Meulaboh sits at sea level and gets, approximately, 10 feet of rain a year. As you can imagine drainage is an important and fairly tricky issue here. Even with drainage ditches the whole city frequently floods with knee-deep murky water in which lurk alligators, monitor lizards, and a miscellany of other moving creatures. (You might not believe me but just this morning our livelihood team was shown a 15 foot python that the community had caught in the recent flooding.) It's not the sort of place where you want to mistakenly drive into a ditch.

But we do. All the time. Many of the roads here are built so narrowly that it is impossible for two cars to pass without one of them ending up in one of the 3 foot deep ditches that line every road. In many places you cannot make a right or left turn without making, at least, a two point turn.

We got a call at about midnight on Friday that yet another staff person had been driving home and the left front wheel was now spinning freely in a ditch as the vehicle rested on it's axle. It was pouring rain and everyone sprung into action. I will say this about humanitarian aid workers: we might not be very good at normal, boring everyday life...but give us an emergency and there's no one else you'd want there. (I do find it unfortunate that the normal, boring, and everyday is what makes up so much of life, but that's another story.) How five people can lift a car out of a ditch I have no idea. But once we were there everyone just knew what to do. Kenneth, Greg, and Nicole pulled down on the back end. Darren lifted from the front. I drove. A minute later we were out, the tire and axle were inspected and deemed driveable and we were all home ten minutes later.

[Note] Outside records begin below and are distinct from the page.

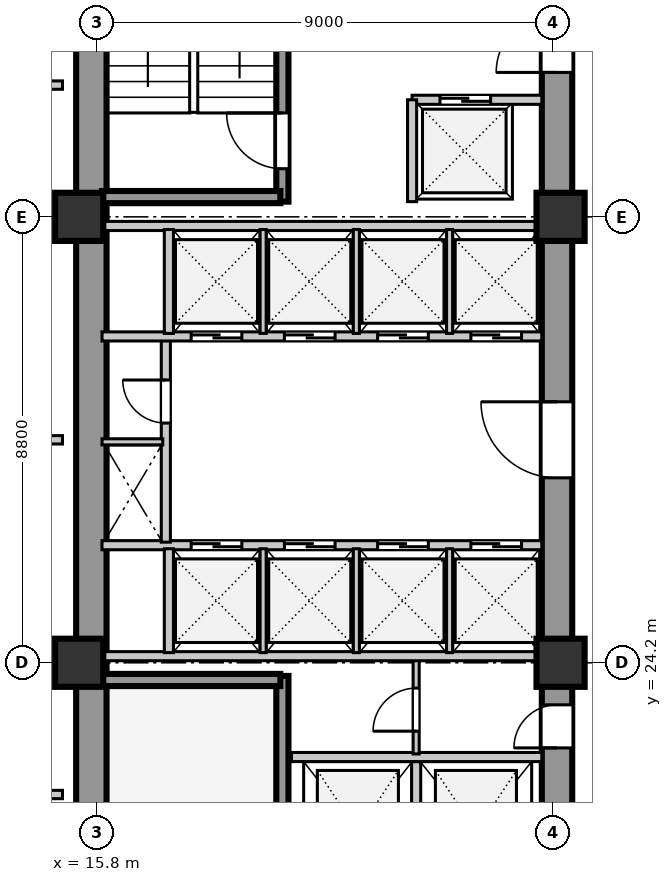
"""IFC4 building model, lengths in metres.
Left out: names, types, materials, properties, quantities, classifications, styles, units other than length and angle.
Written with IfcOpenShell. Run it as: python <this file> out.ifc"""

import sys

from ifc_helpers import new_model, si_unit, direction, frame, frame_2d, origin, origin_2d, place, context, subcontext, project, spatial, rectangle, extrude, element, fill, save


model = new_model("IFC4")
c1 = context("Model", 3, precision=1e-05, world=origin(), true_north=direction((0.0, 1.0)))
c2 = subcontext(c1, "Body", "Model", "MODEL_VIEW")
j1 = project(units=[si_unit("LENGTHUNIT", "METRE"), si_unit("PLANEANGLEUNIT", "RADIAN")], contexts=[c1])
p1 = place(None, origin())
s1 = spatial("IfcSite", under=j1, at=p1, CompositionType="ELEMENT")
p2 = place(p1, origin())
s2 = spatial("IfcBuilding", under=s1, at=p2, CompositionType="ELEMENT")
p3 = place(p2, frame((0.0, 0.0, 21.5)))
s3 = spatial("IfcBuildingStorey", under=s2, at=p3, CompositionType="ELEMENT", Elevation=21.5)
p4 = place(p3, frame((15.69, 15.81, 0.0), z_axis=(0.0, 0.0, 1.0), x_axis=(0.0, 1.0, 0.0)))
e1 = element("IfcWall", 1, at=p4, inside=s3, PredefinedType="SHEAR", context=c2, shape_type="SweptSolid", body=[
    extrude(rectangle(XDim=25.63, YDim=0.6, at=frame_2d((12.815, 0.0))), origin(), (0.0, 0.0, 1.0), 4.22),
])
p5 = place(p3, frame((24.88, 15.74, 0.0), z_axis=(0.0, 0.0, 1.0), x_axis=(0.0, 1.0, 0.0)))
e2 = element("IfcWall", 2, at=p5, inside=s3, PredefinedType="SHEAR", context=c2, shape_type="SweptSolid", body=[
    extrude(rectangle(XDim=25.76, YDim=0.6, at=frame_2d((12.88, 0.0))), origin(), (0.0, 0.0, 1.0), 4.22),
])
p6 = place(p5, frame((1.61, 0.0, 0.0)))
e3 = element("IfcOpeningElement", 3, at=p6, cuts=e2, PredefinedType="OPENING", context=c2, shape_type="SweptSolid", body=[
    extrude(rectangle(XDim=1.2, YDim=2.1, at=frame_2d((0.6, 1.05))), frame((0.0, 0.31, 0.0), z_axis=(0.0, -1.0, 0.0), x_axis=(1.0, 0.0, 0.0)), (0.0, 0.0, 1.0), 0.62),
])
p7 = place(p5, frame((6.78, 0.0, 0.0)))
e4 = element("IfcOpeningElement", 4, at=p7, cuts=e2, PredefinedType="OPENING", context=c2, shape_type="SweptSolid", body=[
    extrude(rectangle(XDim=0.85, YDim=2.06, at=frame_2d((0.425, 1.03))), frame((0.0, 0.31, 0.0), z_axis=(0.0, -1.0, 0.0), x_axis=(1.0, 0.0, 0.0)), (0.0, 0.0, 1.0), 0.62),
])
p8 = place(p5, frame((12.11, 0.0, 0.0)))
e5 = element("IfcOpeningElement", 5, at=p8, cuts=e2, PredefinedType="OPENING", context=c2, shape_type="SweptSolid", body=[
    extrude(rectangle(XDim=1.5, YDim=2.12, at=frame_2d((0.75, 1.06))), frame((0.0, 0.31, 0.0), z_axis=(0.0, -1.0, 0.0), x_axis=(1.0, 0.0, 0.0)), (0.0, 0.0, 1.0), 0.62),
])
p9 = place(p5, frame((20.11, 0.0, 0.0)))
e6 = element("IfcOpeningElement", 6, at=p9, cuts=e2, PredefinedType="OPENING", context=c2, shape_type="SweptSolid", body=[
    extrude(rectangle(XDim=1.2, YDim=2.12, at=frame_2d((0.6, 1.06))), frame((0.0, 0.31, 0.0), z_axis=(0.0, -1.0, 0.0), x_axis=(1.0, 0.0, 0.0)), (0.0, 0.0, 1.0), 0.62),
])
p10 = place(p5, frame((24.01, 0.0, 0.0)))
e7 = element("IfcOpeningElement", 7, at=p10, cuts=e2, PredefinedType="OPENING", context=c2, shape_type="SweptSolid", body=[
    extrude(rectangle(XDim=0.95, YDim=2.1, at=frame_2d((0.475, 1.05))), frame((0.0, 0.31, 0.0), z_axis=(0.0, -1.0, 0.0), x_axis=(1.0, 0.0, 0.0)), (0.0, 0.0, 1.0), 0.62),
])
for number, where, z_axis, x_axis in (
    (8, (15.45, 24.2, 0.0), (0.0, 0.0, 1.0), (1.0, 0.0, 0.0)),
    (9, (15.45, 33.0, 0.0), (0.0, 0.0, 1.0), (1.0, 0.0, 0.0)),
    (10, (24.95, 24.2, 0.0), (0.0, 0.0, 1.0), (1.0, 0.0, 0.0)),
    (11, (24.95, 33.0, 0.0), (0.0, 0.0, 1.0), (1.0, 0.0, 0.0)),
):
    element("IfcColumn", number, at=place(p3, frame(where, z_axis=z_axis, x_axis=x_axis)), inside=s3, PredefinedType="COLUMN", context=c2, shape_type="SweptSolid", body=[
        extrude(rectangle(XDim=0.95, YDim=0.95, at=origin_2d()), origin(), (0.0, 0.0, 1.0), 4.22),
    ])
p11 = place(p3, frame((19.46, 15.74, 0.0), z_axis=(0.0, 0.0, 1.0), x_axis=(0.0, 1.0, 0.0)))
e12 = element("IfcWall", 12, at=p11, inside=s3, PredefinedType="SHEAR", context=c2, shape_type="SweptSolid", body=[
    extrude(rectangle(XDim=8.2, YDim=0.24, at=frame_2d((4.1, 0.0))), origin(), (0.0, 0.0, 1.0), 4.5),
])
p12 = place(p11, frame((0.45, 0.0, 0.0)))
e13 = element("IfcOpeningElement", 13, at=p12, cuts=e12, PredefinedType="OPENING", context=c2, shape_type="SweptSolid", body=[
    extrude(rectangle(XDim=1.1, YDim=2.1, at=frame_2d((0.55, 1.05))), frame((0.0, 0.13, 0.0), z_axis=(0.0, -1.0, 0.0), x_axis=(1.0, 0.0, 0.0)), (0.0, 0.0, 1.0), 0.26),
])
p13 = place(p3, frame((15.9, 23.86, 0.0), z_axis=(0.0, 0.0, 1.0), x_axis=(1.0, 0.0, 0.0)))
e14 = element("IfcWall", 14, at=p13, inside=s3, PredefinedType="SHEAR", context=c2, shape_type="SweptSolid", body=[
    extrude(rectangle(XDim=3.52, YDim=0.24, at=frame_2d((1.76, 0.0))), origin(), (0.0, 0.0, 1.0), 4.5),
])
p14 = place(p3, frame((22.1, 19.51, 0.0), z_axis=(0.0, 0.0, 1.0), x_axis=(0.0, 1.0, 0.0)))
e15 = element("IfcWall", 15, at=p14, inside=s3, PredefinedType="SOLIDWALL", context=c2, shape_type="SweptSolid", body=[
    extrude(rectangle(XDim=2.74, YDim=0.18, at=frame_2d((1.37, 0.0))), origin(), (0.0, 0.0, 1.0), 4.22),
])
p15 = place(p3, frame((19.64, 22.34, 0.0), z_axis=(0.0, 0.0, 1.0), x_axis=(1.0, 0.0, 0.0)))
e16 = element("IfcWall", 16, at=p15, inside=s3, PredefinedType="SOLIDWALL", context=c2, shape_type="SweptSolid", body=[
    extrude(rectangle(XDim=4.94, YDim=0.18, at=frame_2d((2.47, 0.0))), origin(), (0.0, 0.0, 1.0), 4.22),
])
p16 = place(p3, frame((22.1, 22.4, 0.0), z_axis=(0.0, 0.0, 1.0), x_axis=(0.0, 1.0, 0.0)))
e17 = element("IfcWall", 17, at=p16, inside=s3, PredefinedType="PARTITIONING", context=c2, shape_type="SweptSolid", body=[
    extrude(rectangle(XDim=1.88, YDim=0.12, at=frame_2d((0.94, 0.0))), origin(), (0.0, 0.0, 1.0), 4.22),
])
p17 = place(p16, frame((0.45, 0.0, 0.0)))
e18 = element("IfcOpeningElement", 18, at=p17, cuts=e17, PredefinedType="OPENING", context=c2, shape_type="SweptSolid", body=[
    extrude(rectangle(XDim=0.85, YDim=2.06, at=frame_2d((0.425, 1.03))), frame((0.0, 0.07, 0.0), z_axis=(0.0, -1.0, 0.0), x_axis=(1.0, 0.0, 0.0)), (0.0, 0.0, 1.0), 0.14),
])
p18 = place(p3, frame((15.9, 26.52, 0.0), z_axis=(0.0, 0.0, 1.0), x_axis=(1.0, 0.0, 0.0)))
e19 = element("IfcWall", 19, at=p18, inside=s3, PredefinedType="SOLIDWALL", context=c2, shape_type="SweptSolid", body=[
    extrude(rectangle(XDim=8.68, YDim=0.18, at=frame_2d((4.34, 0.0))), origin(), (0.0, 0.0, 1.0), 4.22),
])
p19 = place(p18, frame((1.76, 0.0, 0.0)))
e20 = element("IfcOpeningElement", 20, at=p19, cuts=e19, PredefinedType="OPENING", context=c2, shape_type="SweptSolid", body=[
    extrude(rectangle(XDim=1.0, YDim=2.1, at=frame_2d((0.5, 1.05))), frame((0.0, 0.1, 0.0), z_axis=(0.0, -1.0, 0.0), x_axis=(1.0, 0.0, 0.0)), (0.0, 0.0, 1.0), 0.2),
])
p20 = place(p18, frame((3.6, 0.0, 0.0)))
e21 = element("IfcOpeningElement", 21, at=p20, cuts=e19, PredefinedType="OPENING", context=c2, shape_type="SweptSolid", body=[
    extrude(rectangle(XDim=1.0, YDim=2.1, at=frame_2d((0.5, 1.05))), frame((0.0, 0.1, 0.0), z_axis=(0.0, -1.0, 0.0), x_axis=(1.0, 0.0, 0.0)), (0.0, 0.0, 1.0), 0.2),
])
p21 = place(p18, frame((5.44, 0.0, 0.0)))
e22 = element("IfcOpeningElement", 22, at=p21, cuts=e19, PredefinedType="OPENING", context=c2, shape_type="SweptSolid", body=[
    extrude(rectangle(XDim=1.0, YDim=2.1, at=frame_2d((0.5, 1.05))), frame((0.0, 0.1, 0.0), z_axis=(0.0, -1.0, 0.0), x_axis=(1.0, 0.0, 0.0)), (0.0, 0.0, 1.0), 0.2),
])
p22 = place(p18, frame((7.28, 0.0, 0.0)))
e23 = element("IfcOpeningElement", 23, at=p22, cuts=e19, PredefinedType="OPENING", context=c2, shape_type="SweptSolid", body=[
    extrude(rectangle(XDim=1.0, YDim=2.1, at=frame_2d((0.5, 1.05))), frame((0.0, 0.1, 0.0), z_axis=(0.0, -1.0, 0.0), x_axis=(1.0, 0.0, 0.0)), (0.0, 0.0, 1.0), 0.2),
])
p23 = place(p3, frame((15.9, 24.33, 0.0), z_axis=(0.0, 0.0, 1.0), x_axis=(1.0, 0.0, 0.0)))
e24 = element("IfcWall", 24, at=p23, inside=s3, PredefinedType="SOLIDWALL", context=c2, shape_type="SweptSolid", body=[
    extrude(rectangle(XDim=8.68, YDim=0.18, at=frame_2d((4.34, 0.0))), origin(), (0.0, 0.0, 1.0), 3.42),
])
p24 = place(p3, frame((17.22, 24.4, 0.0), z_axis=(0.0, 0.0, 1.0), x_axis=(0.0, 1.0, 0.0)))
e25 = element("IfcWall", 25, at=p24, inside=s3, PredefinedType="SOLIDWALL", context=c2, shape_type="SweptSolid", body=[
    extrude(rectangle(XDim=2.05, YDim=0.18, at=frame_2d((1.025, 0.0))), origin(), (0.0, 0.0, 1.0), 4.22),
])
for number, where, z_axis, x_axis in (
    (26, (19.08, 24.4, 0.0), (0.0, 0.0, 1.0), (0.0, 1.0, 0.0)),
    (27, (20.92, 24.4, 0.0), (0.0, 0.0, 1.0), (0.0, 1.0, 0.0)),
    (28, (22.76, 24.4, 0.0), (0.0, 0.0, 1.0), (0.0, 1.0, 0.0)),
):
    element("IfcWall", number, at=place(p3, frame(where, z_axis=z_axis, x_axis=x_axis)), inside=s3, PredefinedType="PARTITIONING", context=c2, shape_type="SweptSolid", body=[
        extrude(rectangle(XDim=2.05, YDim=0.12, at=frame_2d((1.025, 0.0))), origin(), (0.0, 0.0, 1.0), 4.22),
    ])
p25 = place(p3, frame((17.16, 26.58, 0.0), z_axis=(0.0, 0.0, 1.0), x_axis=(0.0, 1.0, 0.0)))
e29 = element("IfcWall", 29, at=p25, inside=s3, PredefinedType="SOLIDWALL", context=c2, shape_type="SweptSolid", body=[
    extrude(rectangle(XDim=4.02, YDim=0.18, at=frame_2d((2.01, 0.0))), origin(), (0.0, 0.0, 1.0), 4.22),
])
p26 = place(p25, frame((2.35, 0.0, 0.0)))
e30 = element("IfcOpeningElement", 30, at=p26, cuts=e29, PredefinedType="OPENING", context=c2, shape_type="SweptSolid", body=[
    extrude(rectangle(XDim=0.85, YDim=2.06, at=frame_2d((0.425, 1.03))), frame((0.0, 0.1, 0.0), z_axis=(0.0, -1.0, 0.0), x_axis=(1.0, 0.0, 0.0)), (0.0, 0.0, 1.0), 0.2),
])
p27 = place(p3, frame((15.9, 28.56, 0.0), z_axis=(0.0, 0.0, 1.0), x_axis=(1.0, 0.0, 0.0)))
e31 = element("IfcWall", 31, at=p27, inside=s3, PredefinedType="PARTITIONING", context=c2, shape_type="SweptSolid", body=[
    extrude(rectangle(XDim=1.2, YDim=0.12, at=frame_2d((0.6, 0.0))), origin(), (0.0, 0.0, 1.0), 4.22),
])
p28 = place(p3, frame((15.9, 30.64, 0.0), z_axis=(0.0, 0.0, 1.0), x_axis=(1.0, 0.0, 0.0)))
e32 = element("IfcWall", 32, at=p28, inside=s3, PredefinedType="SOLIDWALL", context=c2, shape_type="SweptSolid", body=[
    extrude(rectangle(XDim=8.68, YDim=0.18, at=frame_2d((4.34, 0.0))), origin(), (0.0, 0.0, 1.0), 4.22),
])
p29 = place(p28, frame((1.76, 0.0, 0.0)))
e33 = element("IfcOpeningElement", 33, at=p29, cuts=e32, PredefinedType="OPENING", context=c2, shape_type="SweptSolid", body=[
    extrude(rectangle(XDim=1.0, YDim=2.1, at=frame_2d((0.5, 1.05))), frame((0.0, 0.1, 0.0), z_axis=(0.0, -1.0, 0.0), x_axis=(1.0, 0.0, 0.0)), (0.0, 0.0, 1.0), 0.2),
])
p30 = place(p28, frame((3.6, 0.0, 0.0)))
e34 = element("IfcOpeningElement", 34, at=p30, cuts=e32, PredefinedType="OPENING", context=c2, shape_type="SweptSolid", body=[
    extrude(rectangle(XDim=1.0, YDim=2.1, at=frame_2d((0.5, 1.05))), frame((0.0, 0.1, 0.0), z_axis=(0.0, -1.0, 0.0), x_axis=(1.0, 0.0, 0.0)), (0.0, 0.0, 1.0), 0.2),
])
p31 = place(p28, frame((5.44, 0.0, 0.0)))
e35 = element("IfcOpeningElement", 35, at=p31, cuts=e32, PredefinedType="OPENING", context=c2, shape_type="SweptSolid", body=[
    extrude(rectangle(XDim=1.0, YDim=2.1, at=frame_2d((0.5, 1.05))), frame((0.0, 0.1, 0.0), z_axis=(0.0, -1.0, 0.0), x_axis=(1.0, 0.0, 0.0)), (0.0, 0.0, 1.0), 0.2),
])
p32 = place(p28, frame((7.28, 0.0, 0.0)))
e36 = element("IfcOpeningElement", 36, at=p32, cuts=e32, PredefinedType="OPENING", context=c2, shape_type="SweptSolid", body=[
    extrude(rectangle(XDim=1.0, YDim=2.1, at=frame_2d((0.5, 1.05))), frame((0.0, 0.1, 0.0), z_axis=(0.0, -1.0, 0.0), x_axis=(1.0, 0.0, 0.0)), (0.0, 0.0, 1.0), 0.2),
])
p33 = place(p3, frame((15.9, 32.82, 0.0), z_axis=(0.0, 0.0, 1.0), x_axis=(1.0, 0.0, 0.0)))
e37 = element("IfcWall", 37, at=p33, inside=s3, PredefinedType="SOLIDWALL", context=c2, shape_type="SweptSolid", body=[
    extrude(rectangle(XDim=8.68, YDim=0.18, at=frame_2d((4.34, 0.0))), origin(), (0.0, 0.0, 1.0), 3.42),
])
p34 = place(p3, frame((17.22, 30.7, 0.0), z_axis=(0.0, 0.0, 1.0), x_axis=(0.0, 1.0, 0.0)))
e38 = element("IfcWall", 38, at=p34, inside=s3, PredefinedType="SOLIDWALL", context=c2, shape_type="SweptSolid", body=[
    extrude(rectangle(XDim=2.05, YDim=0.18, at=frame_2d((1.025, 0.0))), origin(), (0.0, 0.0, 1.0), 4.22),
])
for number, where, z_axis, x_axis in (
    (39, (19.08, 30.7, 0.0), (0.0, 0.0, 1.0), (0.0, 1.0, 0.0)),
    (40, (20.92, 30.7, 0.0), (0.0, 0.0, 1.0), (0.0, 1.0, 0.0)),
    (41, (22.76, 30.7, 0.0), (0.0, 0.0, 1.0), (0.0, 1.0, 0.0)),
):
    element("IfcWall", number, at=place(p3, frame(where, z_axis=z_axis, x_axis=x_axis)), inside=s3, PredefinedType="PARTITIONING", context=c2, shape_type="SweptSolid", body=[
        extrude(rectangle(XDim=2.05, YDim=0.12, at=frame_2d((1.025, 0.0))), origin(), (0.0, 0.0, 1.0), 4.22),
    ])
p35 = place(p3, frame((19.46, 33.3, 0.0), z_axis=(0.0, 0.0, 1.0), x_axis=(0.0, 1.0, 0.0)))
e42 = element("IfcWall", 42, at=p35, inside=s3, PredefinedType="SHEAR", context=c2, shape_type="SweptSolid", body=[
    extrude(rectangle(XDim=8.18, YDim=0.24, at=frame_2d((4.09, 0.0))), origin(), (0.0, 0.0, 1.0), 4.5),
])
p36 = place(p35, frame((0.65, 0.0, 0.0)))
e43 = element("IfcOpeningElement", 43, at=p36, cuts=e42, PredefinedType="OPENING", context=c2, shape_type="SweptSolid", body=[
    extrude(rectangle(XDim=1.1, YDim=2.1, at=frame_2d((0.55, 1.05))), frame((0.0, 0.13, 0.0), z_axis=(0.0, -1.0, 0.0), x_axis=(1.0, 0.0, 0.0)), (0.0, 0.0, 1.0), 0.26),
])
p37 = place(p3, frame((15.9, 33.39, 0.0), z_axis=(0.0, 0.0, 1.0), x_axis=(1.0, 0.0, 0.0)))
e44 = element("IfcWall", 44, at=p37, inside=s3, PredefinedType="SHEAR", context=c2, shape_type="SweptSolid", body=[
    extrude(rectangle(XDim=3.52, YDim=0.24, at=frame_2d((1.76, 0.0))), origin(), (0.0, 0.0, 1.0), 4.5),
])
p38 = place(p3, frame((22.02, 35.31, 0.0), z_axis=(0.0, 0.0, 1.0), x_axis=(1.0, 0.0, 0.0)))
e45 = element("IfcWall", 45, at=p38, inside=s3, PredefinedType="SOLIDWALL", context=c2, shape_type="SweptSolid", body=[
    extrude(rectangle(XDim=2.56, YDim=0.18, at=frame_2d((1.28, 0.0))), origin(), (0.0, 0.0, 1.0), 4.22),
])
p39 = place(p38, frame((0.55, 0.0, 0.0)))
e46 = element("IfcOpeningElement", 46, at=p39, cuts=e45, PredefinedType="OPENING", context=c2, shape_type="SweptSolid", body=[
    extrude(rectangle(XDim=1.0, YDim=2.1, at=frame_2d((0.5, 1.05))), frame((0.0, 0.1, 0.0), z_axis=(0.0, -1.0, 0.0), x_axis=(1.0, 0.0, 0.0)), (0.0, 0.0, 1.0), 0.2),
])
p40 = place(p3, frame((22.02, 33.3, 0.0), z_axis=(0.0, 0.0, 1.0), x_axis=(0.0, 1.0, 0.0)))
e47 = element("IfcWall", 47, at=p40, inside=s3, PredefinedType="SOLIDWALL", context=c2, shape_type="SweptSolid", body=[
    extrude(rectangle(XDim=2.01, YDim=0.18, at=frame_2d((1.005, 0.0))), origin(), (0.0, 0.0, 1.0), 4.22),
])
for number, where, z_axis, x_axis in (
    (48, (6.88, 21.6, 0.0), (0.0, 0.0, 1.0), (1.0, 0.0, 0.0)),
    (49, (6.88, 28.6, 0.0), (0.0, 0.0, 1.0), (1.0, 0.0, 0.0)),
    (50, (6.88, 35.6, 0.0), (0.0, 0.0, 1.0), (1.0, 0.0, 0.0)),
):
    element("IfcWall", number, at=place(p3, frame(where, z_axis=z_axis, x_axis=x_axis)), inside=s3, PredefinedType="PARTITIONING", context=c2, shape_type="SweptSolid", body=[
        extrude(rectangle(XDim=8.24, YDim=0.165, at=frame_2d((4.12, 0.0))), origin(), (0.0, 0.0, 1.0), 4.22),
    ])
p41 = place(p17, origin())
e51 = element("IfcDoor", 51, at=p41, inside=s3, OperationType="SINGLE_SWING_LEFT", PredefinedType="DOOR", context=c2, shape_type="SweptSolid", body=[
    extrude(rectangle(XDim=0.85, YDim=2.06, at=frame_2d((0.425, 1.03))), frame((0.0, 0.025, 0.0), z_axis=(0.0, -1.0, 0.0), x_axis=(1.0, 0.0, 0.0)), (0.0, 0.0, 1.0), 0.05),
])
fill(e18, e51)
p42 = place(p7, frame((0.85, 0.0, 0.0), z_axis=(0.0, 0.0, 1.0), x_axis=(-1.0, 0.0, 0.0)))
e52 = element("IfcDoor", 52, at=p42, inside=s3, OperationType="SINGLE_SWING_RIGHT", PredefinedType="DOOR", context=c2, shape_type="SweptSolid", body=[
    extrude(rectangle(XDim=0.85, YDim=2.06, at=frame_2d((0.425, 1.03))), frame((0.0, 0.025, 0.0), z_axis=(0.0, -1.0, 0.0), x_axis=(1.0, 0.0, 0.0)), (0.0, 0.0, 1.0), 0.05),
])
fill(e4, e52)
p43 = place(p19, origin())
e53 = element("IfcDoor", 53, at=p43, inside=s3, OperationType="DOUBLE_DOOR_SLIDING", PredefinedType="DOOR", context=c2, shape_type="SweptSolid", body=[
    extrude(rectangle(XDim=1.0, YDim=2.1, at=frame_2d((0.5, 1.05))), frame((0.0, 0.025, 0.0), z_axis=(0.0, -1.0, 0.0), x_axis=(1.0, 0.0, 0.0)), (0.0, 0.0, 1.0), 0.05),
])
fill(e20, e53)
p44 = place(p20, origin())
e54 = element("IfcDoor", 54, at=p44, inside=s3, OperationType="DOUBLE_DOOR_SLIDING", PredefinedType="DOOR", context=c2, shape_type="SweptSolid", body=[
    extrude(rectangle(XDim=1.0, YDim=2.1, at=frame_2d((0.5, 1.05))), frame((0.0, 0.025, 0.0), z_axis=(0.0, -1.0, 0.0), x_axis=(1.0, 0.0, 0.0)), (0.0, 0.0, 1.0), 0.05),
])
fill(e21, e54)
p45 = place(p21, origin())
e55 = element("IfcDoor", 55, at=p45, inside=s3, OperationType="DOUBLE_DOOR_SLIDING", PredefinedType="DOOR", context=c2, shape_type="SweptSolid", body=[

But it did make me think more about the ditches. I'm convinced that there are two types of people in life. Those who end up in ditches and those who don't. I like to think that I'm part of the latter category but have had so many near scrapes this past week I'm afraid I might have to rethink that. I spent a harrowing ten minutes on Saturday negotiating a truck full of Community Health Staff out of a narrow alley, backwards, between two very dodgy ditches. I just returned from dropping some friends off and had to do a ten point turn to get out of their road. Maybe I'm losing my skill or maybe my luck's wearing thin. Is it simply a matter of time until I end up in a ditch as well?

Comments

amazedlife said…
But it's way more interesting to be in a ditch than to stay out of them, no? Keeps life from being boring...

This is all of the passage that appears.